1. Nonhomogenious - method of undetermined coefficients

How to find a particular solution for this using method of undetermined coefficients:
y'' - y = e^(-x) cos( 4 x )

I have got the homogenious equation as:
y = A*e^(1*x) + B*e^(-1*x)

But now am not sure how to get a particular solution with the right side?

thanks

2. Originally Posted by taurus
How to find a particular solution for this using method of undetermined coefficients:
y'' - y = e^(-x) cos( 4 x )

I have got the homogenious equation as:
y = A*e^(1*x) + B*e^(-1*x)

But now am not sure how to get a particular solution with the right side?

thanks
Trial functions:
$\displaystyle e^{-x}cos(4x),~e^{-x}sin(4x)$

-Dan

3. why choose those?

4. Originally Posted by taurus
why choose those?
Because they are similar in form to the non-homogeneous part and have derivatives that are also similar in form to the non-homogeneous part.

In addition since they are not solutions to the homogeneous equation we don't have to worry about messy terms like
$\displaystyle xe^{-x}cos(4x)$
etc.

-Dan

5. could you explain that? How do you choose a particular solution. I am completly confused

6. Sometimes a DE book will have a list of trial particular solutions.

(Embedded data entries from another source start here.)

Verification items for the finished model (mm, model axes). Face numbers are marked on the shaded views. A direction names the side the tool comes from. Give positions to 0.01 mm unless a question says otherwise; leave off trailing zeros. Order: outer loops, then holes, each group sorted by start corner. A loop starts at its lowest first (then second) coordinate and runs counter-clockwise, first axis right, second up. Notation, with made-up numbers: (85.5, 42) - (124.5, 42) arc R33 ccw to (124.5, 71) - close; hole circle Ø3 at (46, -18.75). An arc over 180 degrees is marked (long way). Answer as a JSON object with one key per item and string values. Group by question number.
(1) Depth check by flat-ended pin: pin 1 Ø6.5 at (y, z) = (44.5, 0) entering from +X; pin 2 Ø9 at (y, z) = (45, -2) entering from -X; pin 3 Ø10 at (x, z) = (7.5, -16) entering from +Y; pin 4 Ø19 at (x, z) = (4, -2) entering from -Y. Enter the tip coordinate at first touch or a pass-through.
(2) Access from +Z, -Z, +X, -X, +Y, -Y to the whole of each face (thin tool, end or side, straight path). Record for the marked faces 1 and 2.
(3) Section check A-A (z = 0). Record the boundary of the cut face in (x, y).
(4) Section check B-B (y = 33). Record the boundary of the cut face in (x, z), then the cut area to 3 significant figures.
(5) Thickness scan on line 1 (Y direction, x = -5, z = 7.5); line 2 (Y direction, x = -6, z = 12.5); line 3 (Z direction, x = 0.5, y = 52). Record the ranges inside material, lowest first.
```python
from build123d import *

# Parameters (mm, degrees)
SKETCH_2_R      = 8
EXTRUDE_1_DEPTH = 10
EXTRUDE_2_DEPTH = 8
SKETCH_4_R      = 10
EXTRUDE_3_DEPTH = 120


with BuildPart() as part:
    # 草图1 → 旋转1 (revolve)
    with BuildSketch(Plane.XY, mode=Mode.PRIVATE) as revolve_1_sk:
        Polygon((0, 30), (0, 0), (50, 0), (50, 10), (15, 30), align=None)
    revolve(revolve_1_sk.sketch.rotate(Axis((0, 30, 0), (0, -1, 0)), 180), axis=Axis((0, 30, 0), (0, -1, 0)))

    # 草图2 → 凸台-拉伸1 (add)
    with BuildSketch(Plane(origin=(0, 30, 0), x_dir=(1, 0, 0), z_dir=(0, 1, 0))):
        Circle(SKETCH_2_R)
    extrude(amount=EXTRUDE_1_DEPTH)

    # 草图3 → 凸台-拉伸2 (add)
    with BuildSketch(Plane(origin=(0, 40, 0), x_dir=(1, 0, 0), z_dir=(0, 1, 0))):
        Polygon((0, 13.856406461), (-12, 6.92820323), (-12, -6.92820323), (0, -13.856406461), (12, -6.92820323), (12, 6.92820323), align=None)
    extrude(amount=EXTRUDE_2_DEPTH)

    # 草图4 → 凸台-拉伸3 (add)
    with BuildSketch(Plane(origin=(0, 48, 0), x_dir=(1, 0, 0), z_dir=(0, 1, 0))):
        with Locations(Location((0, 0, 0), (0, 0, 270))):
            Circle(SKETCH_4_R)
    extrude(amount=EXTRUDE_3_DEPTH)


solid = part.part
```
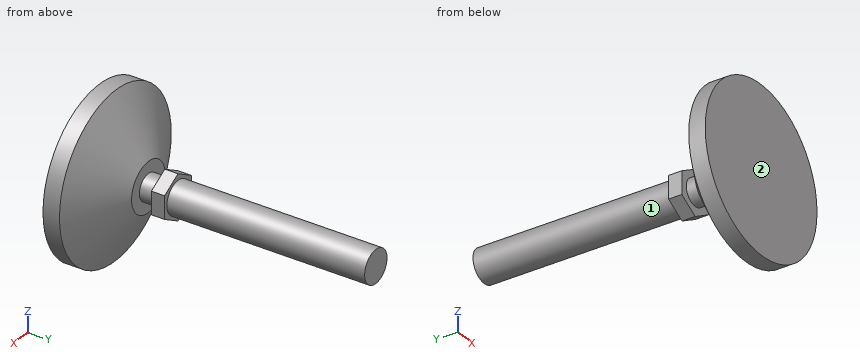
Solutions:
{
 "1": {"pin 1": "stops at x = 12", "pin 2": "stops at x = -12", "pin 3": "stops at y = 30", "pin 4": "stops at y = 0"},
 "2": {"face 1": "+Y", "face 2": "+Z, -Z, +X, -X, -Y"},
 "3": {"outline": "(-50, 0) - (50, 0) - (50, 10) - (15, 30) - (8, 30) - (8, 40) - (12, 40) - (12, 48) - (10, 48) - (10, 168) - (-10, 168) - (-10, 48) - (-12, 48) - (-12, 40) - (-8, 40) - (-8, 30) - (-15, 30) - (-50, 10) - close"},
 "4": {"outline": "circle Ø16 at (0, 0)", "area": "201 mm2"},
 "5": {"line 1": "y = 0 to 30, 40 to 168", "line 2": "y = 0 to 30", "line 3": "z = -9.99 to 9.99"}
}

In this case, we use $\displaystyle y_{p}=Ae^{-x}cos(4x)+Be^{-x}sin(4x)$

Because our problem is of that form. Suppose we would've had

$\displaystyle xe^{3x}cos(4x)$, then we would use

$\displaystyle (ax+B)e^{3x}cos(4x)+(Cx+E)e^{3x}sin(4x)$

Find the second derivative:

$\displaystyle y''_{p}=(-15A-8B)e^{-x}cos(4x)+(8A-15B)e^{-x}sin(4x)$

Sub them into the equation and get:

$\displaystyle y''_{p}-y_{p}=(-16A-8B)e^{-x}cos(4x)+(8A-16B)e^{-x}sin(4x)=e^{-x}cos(4x)$

Now, equate coefficients:

There is no sin on the right so that is 0:

$\displaystyle -16A-8B=1$

$\displaystyle 8A-16B=0$

$\displaystyle A=\frac{-1}{20}, \;\ B=\frac{-1}{40}$

A particular solutions is:

$\displaystyle \frac{-1}{20}e^{-x}cos(4x)-\frac{1}{40}e^{-x}sin(4x)$

A general solution is:

$\displaystyle \frac{-1}{20}e^{-x}cos(4x)-\frac{1}{40}e^{-x}sin(4x)+C_{1}e^{x}+C_{2}e^{-x}$

7. would you have a list of the trials?

8. No, I'm sorry. You can probably google some.

9. Originally Posted by galactus
In this case, we use $\displaystyle y_{p}=Ae^{-x}cos(4x)+Be^{-x}sin(4x)$
How would i differentiate that? with respect to what do i differentiate?

10. Originally Posted by taurus
How would i differentiate that? with respect to what do i differentiate?
The derivatives in your differential equation are with respect to x, so take the derivatives with respect to x.
$\displaystyle \frac{dy_p}{dx} = A(-e^{-x})cos(4x) + Ae^{-x}(-4~sin(4x)) + B(-e^{-x})sin(4x) + Be^{-x}(4~cos(x))$
by the usual product rule.

etc.

-Dan